Any advice would help, baby daddy situation

Hannah • 02/06/19🌸 7/30/20🌼

Hi ladies, after reading lots of posts on here of people asking for advice with their husband, bf , baby daddy , in-laws , etc. I thought maybe you guys could help me too. The reason I’m looking to here for advice is because I feel like I need an objective opinion. All my family and friends very much dislike my baby daddy which is understandable after I explain everything so I can’t really turn to them for non biased advice.

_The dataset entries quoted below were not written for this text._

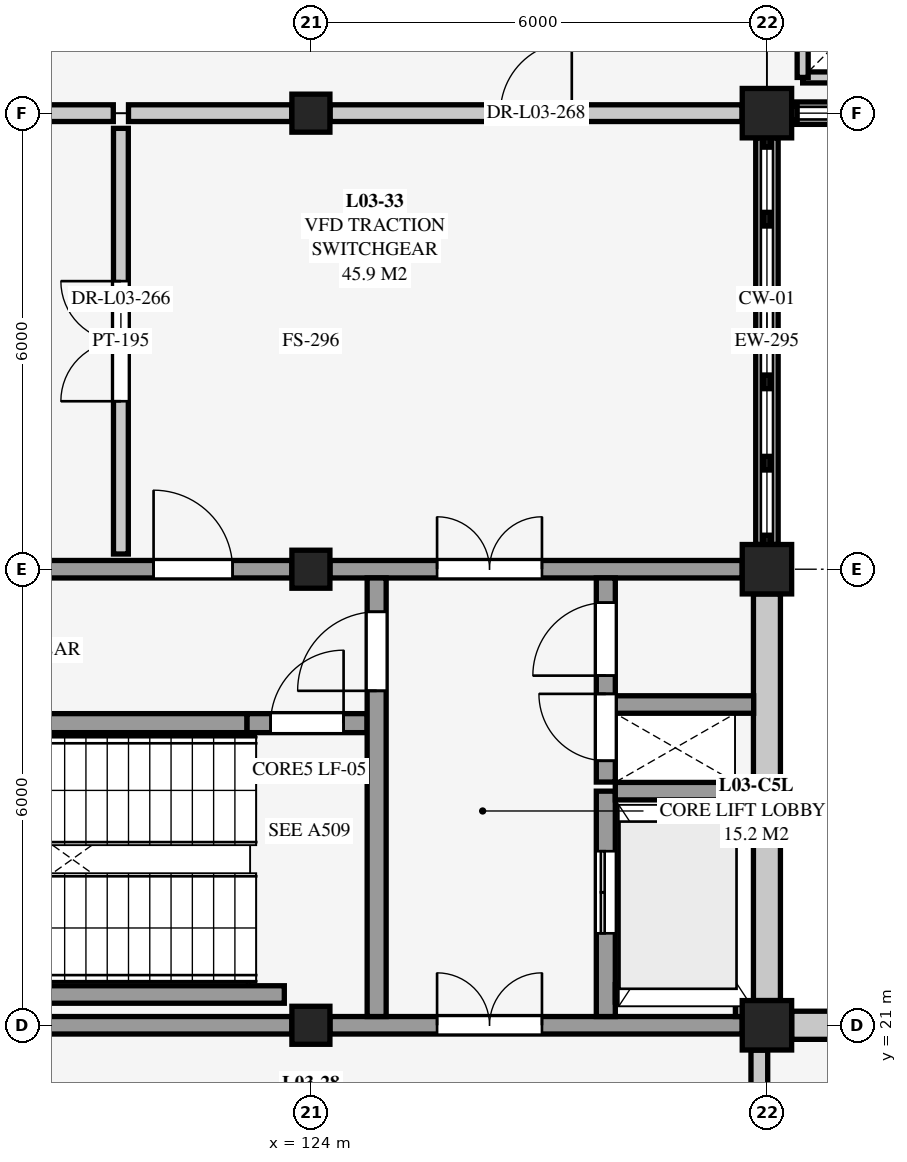
"""IFC4 building model, lengths in metres.
Left out: names, types, materials, properties, quantities, classifications, styles, units other than length and angle.
Written with IfcOpenShell. Run it as: python <this file> out.ifc"""

import sys

from ifc_helpers import new_model, si_unit, direction, frame, frame_2d, origin, origin_2d, place, context, subcontext, project, spatial, rectangle, extrude, element, fill, save


model = new_model("IFC4")
c1 = context("Model", 3, precision=1e-05, world=origin(), true_north=direction((0.0, 1.0)))
c2 = subcontext(c1, "Body", "Model", "MODEL_VIEW")
j1 = project(units=[si_unit("LENGTHUNIT", "METRE"), si_unit("PLANEANGLEUNIT", "RADIAN")], contexts=[c1])
p1 = place(None, origin())
s1 = spatial("IfcSite", under=j1, at=p1, CompositionType="ELEMENT")
p2 = place(p1, origin())
s2 = spatial("IfcBuilding", under=s1, at=p2, CompositionType="ELEMENT")
p3 = place(p2, frame((0.0, 0.0, 9.0)))
s3 = spatial("IfcBuildingStorey", under=s2, at=p3, CompositionType="ELEMENT", Elevation=9.0)
for number, where, z_axis, x_axis in (
    (1, (124.0, 21.0, 0.0), (0.0, 0.0, 1.0), (1.0, 0.0, 0.0)),
    (2, (124.0, 27.0, 0.0), (0.0, 0.0, 1.0), (1.0, 0.0, 0.0)),
    (3, (124.0, 33.0, 0.0), (0.0, 0.0, 1.0), (1.0, 0.0, 0.0)),
):
    element("IfcColumn", number, at=place(p3, frame(where, z_axis=z_axis, x_axis=x_axis)), inside=s3, PredefinedType="COLUMN", context=c2, shape_type="SweptSolid", body=[
        extrude(rectangle(XDim=0.5, YDim=0.5, at=origin_2d()), origin(), (0.0, 0.0, 1.0), 4.5),
    ])
for number, where, z_axis, x_axis in (
    (4, (130.0, 21.0, 0.0), (0.0, 0.0, 1.0), (1.0, 0.0, 0.0)),
    (5, (130.0, 27.0, 0.0), (0.0, 0.0, 1.0), (1.0, 0.0, 0.0)),
    (6, (130.0, 33.0, 0.0), (0.0, 0.0, 1.0), (1.0, 0.0, 0.0)),
):
    element("IfcColumn", number, at=place(p3, frame(where, z_axis=z_axis, x_axis=x_axis)), inside=s3, PredefinedType="COLUMN", context=c2, shape_type="SweptSolid", body=[
        extrude(rectangle(XDim=0.65, YDim=0.65, at=origin_2d()), origin(), (0.0, 0.0, 1.0), 4.5),
    ])
p4 = place(p3, frame((130.325, 21.0, 0.0), z_axis=(0.0, 0.0, 1.0), x_axis=(1.0, 0.0, 0.0)))
e7 = element("IfcWall", 7, at=p4, inside=s3, PredefinedType="SOLIDWALL", context=c2, shape_type="SweptSolid", body=[
    extrude(rectangle(XDim=5.375, YDim=0.37, at=frame_2d((2.688, 0.0))), origin(), (0.0, 0.0, 1.0), 3.778),
])
p5 = place(p4, frame((1.962, 0.0, 0.75)))
e8 = element("IfcOpeningElement", 8, at=p5, cuts=e7, PredefinedType="OPENING", context=c2, shape_type="SweptSolid", body=[
    extrude(rectangle(XDim=1.45, YDim=2.25, at=frame_2d((0.725, 1.125))), frame((0.0, 0.195, 0.0), z_axis=(0.0, -1.0, 0.0), x_axis=(1.0, 0.0, 0.0)), (0.0, 0.0, 1.0), 0.39),
])
p6 = place(p3, frame((130.0, 26.675, 0.0), z_axis=(0.0, 0.0, 1.0), x_axis=(0.0, -1.0, 0.0)))
e9 = element("IfcWall", 9, at=p6, inside=s3, PredefinedType="SOLIDWALL", context=c2, shape_type="SweptSolid", body=[
    extrude(rectangle(XDim=5.35, YDim=0.355, at=frame_2d((2.675, 0.0))), origin(), (0.0, 0.0, 1.0), 3.778),
])
p7 = place(p3, frame((130.0, 32.675, 0.0), z_axis=(0.0, 0.0, 1.0), x_axis=(0.0, -1.0, 0.0)))
e10 = element("IfcWall", 10, at=p7, inside=s3, PredefinedType="SOLIDWALL", context=c2, shape_type="SweptSolid", body=[
    extrude(rectangle(XDim=5.35, YDim=0.295, at=frame_2d((2.675, 0.0))), origin(), (0.0, 0.0, 1.0), 0.16),
])
p8 = place(p3, frame((135.675, 33.0, 0.0), z_axis=(0.0, 0.0, 1.0), x_axis=(-1.0, 0.0, 0.0)))
e11 = element("IfcWall", 11, at=p8, inside=s3, PredefinedType="SOLIDWALL", context=c2, shape_type="SweptSolid", body=[
    extrude(rectangle(XDim=5.35, YDim=0.295, at=frame_2d((2.675, 0.0))), origin(), (0.0, 0.0, 1.0), 0.21),
])
for number, where, z_axis, x_axis in (
    (12, (130.47, 33.47, 0.0), (0.0, 0.0, 1.0), (1.0, 0.0, 0.0)),
    (13, (130.47, 34.43, 0.0), (0.0, 0.0, 1.0), (0.0, -1.0, 0.0)),
):
    element("IfcWall", number, at=place(p3, frame(where, z_axis=z_axis, x_axis=x_axis)), inside=s3, PredefinedType="PARTITIONING", context=c2, shape_type="SweptSolid", body=[
        extrude(rectangle(XDim=0.96, YDim=0.145, at=frame_2d((0.48, 0.0))), origin(), (0.0, 0.0, 1.0), 4.3),
    ])
p9 = place(p3, frame((118.275, 21.0, 0.0), z_axis=(0.0, 0.0, 1.0), x_axis=(1.0, 0.0, 0.0)))
e14 = element("IfcWall", 14, at=p9, inside=s3, PredefinedType="SHEAR", context=c2, shape_type="SweptSolid", body=[
    extrude(rectangle(XDim=5.475, YDim=0.23, at=frame_2d((2.738, 0.0))), origin(), (0.0, 0.0, 1.0), 4.185),
])
p10 = place(p3, frame((124.25, 21.0, 0.0), z_axis=(0.0, 0.0, 1.0), x_axis=(1.0, 0.0, 0.0)))
e15 = element("IfcWall", 15, at=p10, inside=s3, PredefinedType="SHEAR", context=c2, shape_type="SweptSolid", body=[
    extrude(rectangle(XDim=5.425, YDim=0.23, at=frame_2d((2.712, 0.0))), origin(), (0.0, 0.0, 1.0), 4.185),
])
p11 = place(p10, frame((1.41, 0.0, 0.0)))
e16 = element("IfcOpeningElement", 16, at=p11, cuts=e15, PredefinedType="OPENING", context=c2, shape_type="SweptSolid", body=[
    extrude(rectangle(XDim=1.38, YDim=2.16, at=frame_2d((0.69, 1.08))), frame((0.0, 0.125, 0.0), z_axis=(0.0, -1.0, 0.0), x_axis=(1.0, 0.0, 0.0)), (0.0, 0.0, 1.0), 0.25),
])
p12 = place(p3, frame((118.275, 27.0, 0.0), z_axis=(0.0, 0.0, 1.0), x_axis=(1.0, 0.0, 0.0)))
e17 = element("IfcWall", 17, at=p12, inside=s3, PredefinedType="SHEAR", context=c2, shape_type="SweptSolid", body=[
    extrude(rectangle(XDim=5.475, YDim=0.23, at=frame_2d((2.738, 0.0))), origin(), (0.0, 0.0, 1.0), 4.185),
])
p13 = place(p12, frame((3.655, 0.0, 0.0)))
e18 = element("IfcOpeningElement", 18, at=p13, cuts=e17, PredefinedType="OPENING", context=c2, shape_type="SweptSolid", body=[
    extrude(rectangle(XDim=1.04, YDim=2.14, at=frame_2d((0.52, 1.07))), frame((0.0, 0.125, 0.0), z_axis=(0.0, -1.0, 0.0), x_axis=(1.0, 0.0, 0.0)), (0.0, 0.0, 1.0), 0.25),
])
p14 = place(p3, frame((124.25, 27.0, 0.0), z_axis=(0.0, 0.0, 1.0), x_axis=(1.0, 0.0, 0.0)))
e19 = element("IfcWall", 19, at=p14, inside=s3, PredefinedType="SHEAR", context=c2, shape_type="SweptSolid", body=[
    extrude(rectangle(XDim=5.425, YDim=0.23, at=frame_2d((2.712, 0.0))), origin(), (0.0, 0.0, 1.0), 4.185),
])
p15 = place(p14, frame((1.41, 0.0, 0.0)))
e20 = element("IfcOpeningElement", 20, at=p15, cuts=e19, PredefinedType="OPENING", context=c2, shape_type="SweptSolid", body=[
    extrude(rectangle(XDim=1.38, YDim=2.16, at=frame_2d((0.69, 1.08))), frame((0.0, 0.125, 0.0), z_axis=(0.0, -1.0, 0.0), x_axis=(1.0, 0.0, 0.0)), (0.0, 0.0, 1.0), 0.25),
])
p16 = place(p3, frame((118.52, 21.405, 0.0), z_axis=(0.0, 0.0, 1.0), x_axis=(1.0, 0.0, 0.0)))
e21 = element("IfcWall", 21, at=p16, inside=s3, PredefinedType="SHEAR", context=c2, shape_type="SweptSolid", body=[
    extrude(rectangle(XDim=5.13, YDim=0.23, at=frame_2d((2.565, 0.0))), origin(), (0.0, 0.0, 1.0), 4.5),
])
p17 = place(p3, frame((118.29, 24.975, 0.0), z_axis=(0.0, 0.0, 1.0), x_axis=(1.0, 0.0, 0.0)))
e22 = element("IfcWall", 22, at=p17, inside=s3, PredefinedType="SHEAR", context=c2, shape_type="SweptSolid", body=[
    extrude(rectangle(XDim=4.87, YDim=0.25, at=frame_2d((2.435, 0.0))), origin(), (0.0, 0.0, 1.0), 4.5),
])
p18 = place(p3, frame((123.16, 24.975, 0.0), z_axis=(0.0, 0.0, 1.0), x_axis=(1.0, 0.0, 0.0)))
e23 = element("IfcWall", 23, at=p18, inside=s3, PredefinedType="SHEAR", context=c2, shape_type="SweptSolid", body=[
    extrude(rectangle(XDim=1.58, YDim=0.25, at=frame_2d((0.79, 0.0))), origin(), (0.0, 0.0, 1.0), 4.185),
])
p19 = place(p18, frame((0.31, 0.0, 0.0)))
e24 = element("IfcOpeningElement", 24, at=p19, cuts=e23, PredefinedType="OPENING", context=c2, shape_type="SweptSolid", body=[
    extrude(rectangle(XDim=0.96, YDim=2.12, at=frame_2d((0.48, 1.06))), frame((0.0, 0.135, 0.0), z_axis=(0.0, -1.0, 0.0), x_axis=(1.0, 0.0, 0.0)), (0.0, 0.0, 1.0), 0.27),
])
p20 = place(p3, frame((124.865, 21.115, 0.0), z_axis=(0.0, 0.0, 1.0), x_axis=(0.0, 1.0, 0.0)))
e25 = element("IfcWall", 25, at=p20, inside=s3, PredefinedType="SHEAR", context=c2, shape_type="SweptSolid", body=[
    extrude(rectangle(XDim=5.77, YDim=0.25, at=frame_2d((2.885, 0.0))), origin(), (0.0, 0.0, 1.0), 4.185),
])
p21 = place(p20, frame((4.285, 0.0, 0.0)))
e26 = element("IfcOpeningElement", 26, at=p21, cuts=e25, PredefinedType="OPENING", context=c2, shape_type="SweptSolid", body=[
    extrude(rectangle(XDim=1.04, YDim=2.14, at=frame_2d((0.52, 1.07))), frame((0.0, 0.135, 0.0), z_axis=(0.0, -1.0, 0.0), x_axis=(1.0, 0.0, 0.0)), (0.0, 0.0, 1.0), 0.27),
])
p22 = place(p3, frame((127.88, 21.115, 0.0), z_axis=(0.0, 0.0, 1.0), x_axis=(0.0, 1.0, 0.0)))
e27 = element("IfcWall", 27, at=p22, inside=s3, PredefinedType="SHEAR", context=c2, shape_type="SweptSolid", body=[
    extrude(rectangle(XDim=2.965, YDim=0.25, at=frame_2d((1.482, 0.0))), origin(), (0.0, 0.0, 1.0), 4.5),
])
p23 = place(p22, frame((1.095, 0.0, 0.0)))
e28 = element("IfcOpeningElement", 28, at=p23, cuts=e27, PredefinedType="OPENING", context=c2, shape_type="SweptSolid", body=[
    extrude(rectangle(XDim=1.08, YDim=2.15, at=frame_2d((0.54, 1.075))), frame((0.0, 0.135, 0.0), z_axis=(0.0, -1.0, 0.0), x_axis=(1.0, 0.0, 0.0)), (0.0, 0.0, 1.0), 0.27),
])
p24 = place(p3, frame((128.005, 21.42, 0.0), z_axis=(0.0, 0.0, 1.0), x_axis=(1.0, 0.0, 0.0)))
e29 = element("IfcWall", 29, at=p24, inside=s3, PredefinedType="SHEAR", context=c2, shape_type="SweptSolid", body=[
    extrude(rectangle(XDim=1.58, YDim=0.23, at=frame_2d((0.79, 0.0))), origin(), (0.0, 0.0, 1.0), 4.5),
])
p25 = place(p3, frame((129.7, 21.115, 0.0), z_axis=(0.0, 0.0, 1.0), x_axis=(0.0, 1.0, 0.0)))
e30 = element("IfcWall", 30, at=p25, inside=s3, PredefinedType="SHEAR", context=c2, shape_type="SweptSolid", body=[
    extrude(rectangle(XDim=2.965, YDim=0.23, at=frame_2d((1.482, 0.0))), origin(), (0.0, 0.0, 1.0), 4.5),
])
p26 = place(p3, frame((128.005, 24.08, 0.0), z_axis=(0.0, 0.0, 1.0), x_axis=(1.0, 0.0, 0.0)))
e31 = element("IfcWall", 31, at=p26, inside=s3, PredefinedType="SHEAR", context=c2, shape_type="SweptSolid", body=[
    extrude(rectangle(XDim=1.58, YDim=0.23, at=frame_2d((0.79, 0.0))), origin(), (0.0, 0.0, 1.0), 4.5),
])
p27 = place(p3, frame((127.88, 24.2, 0.0), z_axis=(0.0, 0.0, 1.0), x_axis=(0.0, 1.0, 0.0)))
e32 = element("IfcWall", 32, at=p27, inside=s3, PredefinedType="SHEAR", context=c2, shape_type="SweptSolid", body=[
    extrude(rectangle(XDim=2.685, YDim=0.25, at=frame_2d((1.343, 0.0))), origin(), (0.0, 0.0, 1.0), 4.185),
])
p28 = place(p27, frame((0.28, 0.0, 0.0)))
e33 = element("IfcOpeningElement", 33, at=p28, cuts=e32, PredefinedType="OPENING", context=c2, shape_type="SweptSolid", body=[
    extrude(rectangle(XDim=0.88, YDim=2.08, at=frame_2d((0.44, 1.04))), frame((0.0, 0.135, 0.0), z_axis=(0.0, -1.0, 0.0), x_axis=(1.0, 0.0, 0.0)), (0.0, 0.0, 1.0), 0.27),
])
p29 = place(p27, frame((1.4, 0.0, 0.0)))
e34 = element("IfcOpeningElement", 34, at=p29, cuts=e32, PredefinedType="OPENING", context=c2, shape_type="SweptSolid", body=[
    extrude(rectangle(XDim=0.96, YDim=2.12, at=frame_2d((0.48, 1.06))), frame((0.0, 0.135, 0.0), z_axis=(0.0, -1.0, 0.0), x_axis=(1.0, 0.0, 0.0)), (0.0, 0.0, 1.0), 0.27),
])
p30 = place(p3, frame((128.005, 25.22, 0.0), z_axis=(0.0, 0.0, 1.0), x_axis=(1.0, 0.0, 0.0)))
e35 = element("IfcWall", 35, at=p30, inside=s3, PredefinedType="SHEAR", context=c2, shape_type="SweptSolid", body=[
    extrude(rectangle(XDim=1.82, YDim=0.23, at=frame_2d((0.91, 0.0))), origin(), (0.0, 0.0, 1.0), 4.185),
])
p31 = place(p3, frame((129.9, 17.8, 0.0), z_axis=(0.0, 0.0, 1.0), x_axis=(0.0, 1.0, 0.0)))
e36 = element("IfcWall", 36, at=p31, inside=s3, PredefinedType="SOLIDWALL", context=c2, shape_type="SweptSolid", body=[
    extrude(rectangle(XDim=2.873, YDim=0.22, at=frame_2d((1.437, 0.0))), origin(), (0.0, 0.0, 1.0), 4.24),
])
p32 = place(p31, frame((0.967, 0.0, 0.0)))
e37 = element("IfcOpeningElement", 37, at=p32, cuts=e36, PredefinedType="OPENING", context=c2, shape_type="SweptSolid", body=[
    extrude(rectangle(XDim=0.94, YDim=2.1, at=frame_2d((0.47, 1.05))), frame((0.0, 0.12, 0.0), z_axis=(0.0, -1.0, 0.0), x_axis=(1.0, 0.0, 0.0)), (0.0, 0.0, 1.0), 0.24),
])
p33 = place(p3, frame((121.5, 27.2, 0.0), z_axis=(0.0, 0.0, 1.0), x_axis=(0.0, 1.0, 0.0)))
e38 = element("IfcWall", 38, at=p33, inside=s3, PredefinedType="PARTITIONING", context=c2, shape_type="SweptSolid", body=[
    extrude(rectangle(XDim=5.6, YDim=0.195, at=frame_2d((2.8, 0.0))), origin(), (0.0, 0.0, 1.0), 4.185),
])
p34 = place(p33, frame((2.01, 0.0, 0.0)))
e39 = element("IfcOpeningElement", 39, at=p34, cuts=e38, PredefinedType="OPENING", context=c2, shape_type="SweptSolid", body=[
    extrude(rectangle(XDim=1.58, YDim=2.2, at=frame_2d((0.79, 1.1))), frame((0.0, 0.108, 0.0), z_axis=(0.0, -1.0, 0.0), x_axis=(1.0, 0.0, 0.0)), (0.0, 0.0, 1.0), 0.215),
])
p35 = place(p3, frame((118.277, 33.0, 0.0), z_axis=(0.0, 0.0, 1.0), x_axis=(1.0, 0.0, 0.0)))
e40 = element("IfcWall", 40, at=p35, inside=s3, PredefinedType="SOLIDWALL", context=c2, shape_type="SweptSolid", body=[
    extrude(rectangle(XDim=3.123, YDim=0.22, at=frame_2d((1.562, 0.0))), origin(), (0.0, 0.0, 1.0), 3.568),
])
p36 = place(p35, frame((1.092, 0.0, 0.0)))
e41 = element("IfcOpeningElement", 41, at=p36, cuts=e40, PredefinedType="OPENING", context=c2, shape_type="SweptSolid", body=[
    extrude(rectangle(XDim=0.94, YDim=2.1, at=frame_2d((0.47, 1.05))), frame((0.0, 0.12, 0.0), z_axis=(0.0, -1.0, 0.0), x_axis=(1.0, 0.0, 0.0)), (0.0, 0.0, 1.0), 0.24),
])
p37 = place(p3, frame((124.252, 33.0, 0.0), z_axis=(0.0, 0.0, 1.0), x_axis=(1.0, 0.0, 0.0)))
e42 = element("IfcWall", 42, at=p37, inside=s3, PredefinedType="SOLIDWALL", context=c2, shape_type="SweptSolid", body=[
    extrude(rectangle(XDim=5.421, YDim=0.22, at=frame_2d((2.71, 0.0))), origin(), (0.0, 0.0, 1.0), 3.568),
])
p38 = place(p37, frame((2.24, 0.0, 0.0)))
e43 = element("IfcOpeningElement", 43, at=p38, cuts=e42, PredefinedType="OPENING", context=c2, shape_type="SweptSolid", body=[
    extrude(rectangle(XDim=0.94, YDim=2.1, at=frame_2d((0.47, 1.05))), frame((0.0, 0.12, 0.0), z_axis=(0.0, -1.0, 0.0), x_axis=(1.0, 0.0, 0.0)), (0.0, 0.0, 1.0), 0.24),
])
p39 = place(p3, frame((121.6, 33.0, 0.0), z_axis=(0.0, 0.0, 1.0), x_axis=(1.0, 0.0, 0.0)))
e44 = element("IfcWall", 44, at=p39, inside=s3, PredefinedType="SOLIDWALL", context=c2, shape_type="SweptSolid", body=[
    extrude(rectangle(XDim=2.148, YDim=0.22, at=frame_2d((1.074, 0.0))), origin(), (0.0, 0.0, 1.0), 3.568),
])
p40 = place(p11, origin())
e45 = element("IfcDoor", 45, at=p40, inside=s3, OperationType="DOUBLE_DOOR_SINGLE_SWING", PredefinedType="DOOR", context=c2, shape_type="SweptSolid", body=[
    extrude(rectangle(XDim=1.38, YDim=2.16, at=frame_2d((0.69, 1.08))), frame((0.0, 0.025, 0.0), z_axis=(0.0, -1.0, 0.0), x_axis=(1.0, 0.0, 0.0)), (0.0, 0.0, 1.0), 0.05),
])
fill(e16, e45)
p41 = place(p13, origin())
e46 = element("IfcDoor", 46, at=p41, inside=s3, OperationType="SINGLE_SWING_LEFT", PredefinedType="DOOR", context=c2, shape_type="SweptSolid", body=[
    extrude(rectangle(XDim=1.04, YDim=2.14, at=frame_2d((0.52, 1.07))), frame((0.0, 0.025, 0.0), z_axis=(0.0, -1.0, 0.0), x_axis=(1.0, 0.0, 0.0)), (0.0, 0.0, 1.0), 0.05),
])
fill(e18, e46)
p42 = place(p15, origin())
e47 = element("IfcDoor", 47, at=p42, inside=s3, OperationType="DOUBLE_DOOR_SINGLE_SWING", PredefinedType="DOOR", context=c2, shape_type="SweptSolid", body=[
    extrude(rectangle(XDim=1.38, YDim=2.16, at=frame_2d((0.69, 1.08))), frame((0.0, 0.025, 0.0), z_axis=(0.0, -1.0, 0.0), x_axis=(1.0, 0.0, 0.0)), (0.0, 0.0, 1.0), 0.05),
])
fill(e20, e47)
p43 = place(p19, origin())
e48 = element("IfcDoor", 48, at=p43, inside=s3, OperationType="SINGLE_SWING_RIGHT", PredefinedType="DOOR", context=c2, shape_type="SweptSolid", body=[
    extrude(rectangle(XDim=0.96, YDim=2.12, at=frame_2d((0.48, 1.06))), frame((0.0, 0.025, 0.0), z_axis=(0.0, -1.0, 0.0), x_axis=(1.0, 0.0, 0.0)), (0.0, 0.0, 1.0), 0.05),
])
fill(e24, e48)
p44 = place(p21, origin())
e49 = element("IfcDoor", 49, at=p44, inside=s3, OperationType="SINGLE_SWING_LEFT", PredefinedType="DOOR", context=c2, shape_type="SweptSolid", body=[
    extrude(rectangle(XDim=1.04, YDim=2.14, at=frame_2d((0.52, 1.07))), frame((0.0, 0.025, 0.0), z_axis=(0.0, -1.0, 0.0), x_axis=(1.0, 0.0, 0.0)), (0.0, 0.0, 1.0), 0.05),
])
fill(e26, e49)
p45 = place(p23, origin())
e50 = element("IfcDoor", 50, at=p45, inside=s3, OperationType="DOUBLE_DOOR_SLIDING", PredefinedType="DOOR", context=c2, shape_type="SweptSolid", body=[
    extrude(rectangle(XDim=1.08, YDim=2.15, at=frame_2d((0.54, 1.075))), frame((0.0, 0.025, 0.0), z_axis=(0.0, -1.0, 0.0), x_axis=(1.0, 0.0, 0.0)), (0.0, 0.0, 1.0), 0.05),
])
fill(e28, e50)
p46 = place(p28, origin())
e51 = element("IfcDoor", 51, at=p46, inside=s3, OperationType="SINGLE_SWING_RIGHT", PredefinedType="DOOR", context=c2, shape_type="SweptSolid", body=[
    extrude(rectangle(XDim=0.88, YDim=2.08, at=frame_2d((0.44, 1.04))), frame((0.0, 0.025, 0.0), z_axis=(0.0, -1.0, 0.0), x_axis=(1.0, 0.0, 0.0)), (0.0, 0.0, 1.0), 0.05),
])
fill(e33, e51)
p47 = place(p29, origin())
e52 = element("IfcDoor", 52, at=p47, inside=s3, OperationType="SINGLE_SWING_LEFT", PredefinedType="DOOR", context=c2, shape_type="SweptSolid", body=[
    extrude(rectangle(XDim=0.96, YDim=2.12, at=frame_2d((0.48, 1.06))), frame((0.0, 0.025, 0.0), z_axis=(0.0, -1.0, 0.0), x_axis=(1.0, 0.0, 0.0)), (0.0, 0.0, 1.0), 0.05),
])
fill(e34, e52)
p48 = place(p34, origin())
e53 = element("IfcDoor", 53, at=p48, inside=s3, OperationType="DOUBLE_DOOR_SINGLE_SWING", PredefinedType="DOOR", context=c2, shape_type="SweptSolid", body=[
    extrude(rectangle(XDim=1.58, YDim=2.2, at=frame_2d((0.79, 1.1))), frame((0.0, 0.025, 0.0), z_axis=(0.0, -1.0, 0.0), x_axis=(1.0, 0.0, 0.0)), (0.0, 0.0, 1.0), 0.05),
])
fill(e39, e53)
p49 = place(p38, origin())
e54 = element("IfcDoor", 54, at=p49, inside=s3, OperationType="SINGLE_SWING_RIGHT", PredefinedType="DOOR", context=c2, shape_type="SweptSolid", body=[
    extrude(rectangle(XDim=0.94, YDim=2.1, at=frame_2d((0.47, 1.05))), frame((0.0, 0.025, 0.0), z_axis=(0.0, -1.0, 0.0), x_axis=(1.0, 0.0, 0.0)), (0.0, 0.0, 1.0), 0.05),
])
fill(e43, e54)
save(model, sys.argv[1])

Anyway, when I found out I was pregnant, me and my daughters dad had just broken up. He wasn’t working and living with his mom and I just finished my freshman year of college but he really advocated that I keep her and that he would have “9 months to figure it out”. It ended up being the best decision in the world but scared me to death at the time. A couple months later of minimal contact, he reached out to me and we tried things again. I was just starting my sophomore year and still living in the dorms because we are required to. He was in my hometown which is about 2.5 hours away. Things were going well but eventually he got kicked out of his moms. He was about to be homeless so I told him he could come stay with me on the condition that he got a job.He ended up getting a job working nights and living together was ok. I paid for a lot and drove him to work and picked him up at 5am every other day. but we were excited for our daughter and we even took some parenting classes (in hindsight i think he just did this stuff bc he knew i wanted him to be excited not bc he really was)

Eventually tho things started to go south, I can’t even tell you guys how many times we broke up and got back together, threatened to leave, got in screaming matches, it was really bad. He even got violent a couple times which resulted in cops being called twice. The second time was the worst. Just to give you the full picture I’ll explain the whole fight: It was thanksgiving break and we were going to drive back to our hometown that night and i was packing to leave. My dorm was maybe 9 x 9 ft room with a small hallway and a bathroom so it got messy easily. I was 6 months pregnant at the time and he promised me he’d help clean up. When the time came he picked up maybe 2 things and then left the rest to me. He just laid on the bed on his phone and when i got mad he ignored me and put in his headphones, (i know this wasn’t right of me) but in anger i ripped them out. and he hit me in the face. (again this was wrong of me) but I hit him back on his thigh. I went to walk out of the room bc I just wanted to get away from the situation and he came after me and grabbed my hair and pulled me back, scratching the top of my back in the process. I then told him to leave my dorm bc I didn’t feel safe. with a lot of arguing he finally left and on his way out took my phone without me knowing. anyways long story short he wouldn’t give it back and i called the campus police just so i could get my phone back and they saw my face was red and told me they had to arrest him whether i wanted to press charges or not.

so he went to jail for about 2 weeks. during that time i went through his phone and stuff and found out he was sexting other girls the whole time he was living with me. While he was in jail he was always calling me. ( i know i shouldn’t have but i felt guilty putting him in there and he promised me he would never cheat again lmao) he convinced me to pay his bail to get out. then we resumed life together. He couldn’t stay at the dorm anymore so he went back to our hometown a couple days later. he told me how in jail he had time to think and was going to be so much better, even talked about getting me a promise ring. WELL the first day he went home he HAD SEX with another girl and said he didn’t know how to tell me he didn’t want to be w me 🤦🏻‍♀️

Guess what, I even took him back after that. And that was my whole pregnancy up until the last 8 weeks maybe. It was him treating me like shit and me still wanting things to work out. It was very sad and i did A LOT for him and it took a lot out of me. I felt like crap, insecure and betrayed, all while i’m supposed to be focusing on my pregnancy. but like i said, about 8 weeks or so before my daughter was born I decided we would be nothing more than parents and any hopes of a relationship was dead.

So her birth comes and he misses it bc it was such a short labor and he was at work (i didn’t really want him there anyway) but he comes to visit every day in the hospital and then every week he comes to see her at my house and facetime everyday until about 4 weeks. THEN he got a new girlfriend and completely stopped asking to see her, and started claiming that we needed a dna test done bc she wasn’t his 🙄🤦🏻‍♀️ anyways he stopped caring about her except for the dna test and I don’t want it done so he could potentially get custody so i just blocked him.

so now its been 2 months after he’s last seen her and he asked me on his friends phone how she’s doing and how i’m doing. I guess my question for you guys is, is it wrong that i don’t want him to be in her life at all. I struggle with that everyday, am i doing the right thing, am i really protecting her, is she going to hate me later in life, am i taking away his right to see his child idk. i’ve just been blocking him out of my life and hers lately but i struggle with if it’s best for her. I just don’t want him to hurt her like he’s hurt me or disappoint her with empty promises and such. but is it fair to assume he will treat her like he treated me?

i’m so sorry for how long this is. if you stuck through till the end and are willing to give me advice I appreciate it so so much.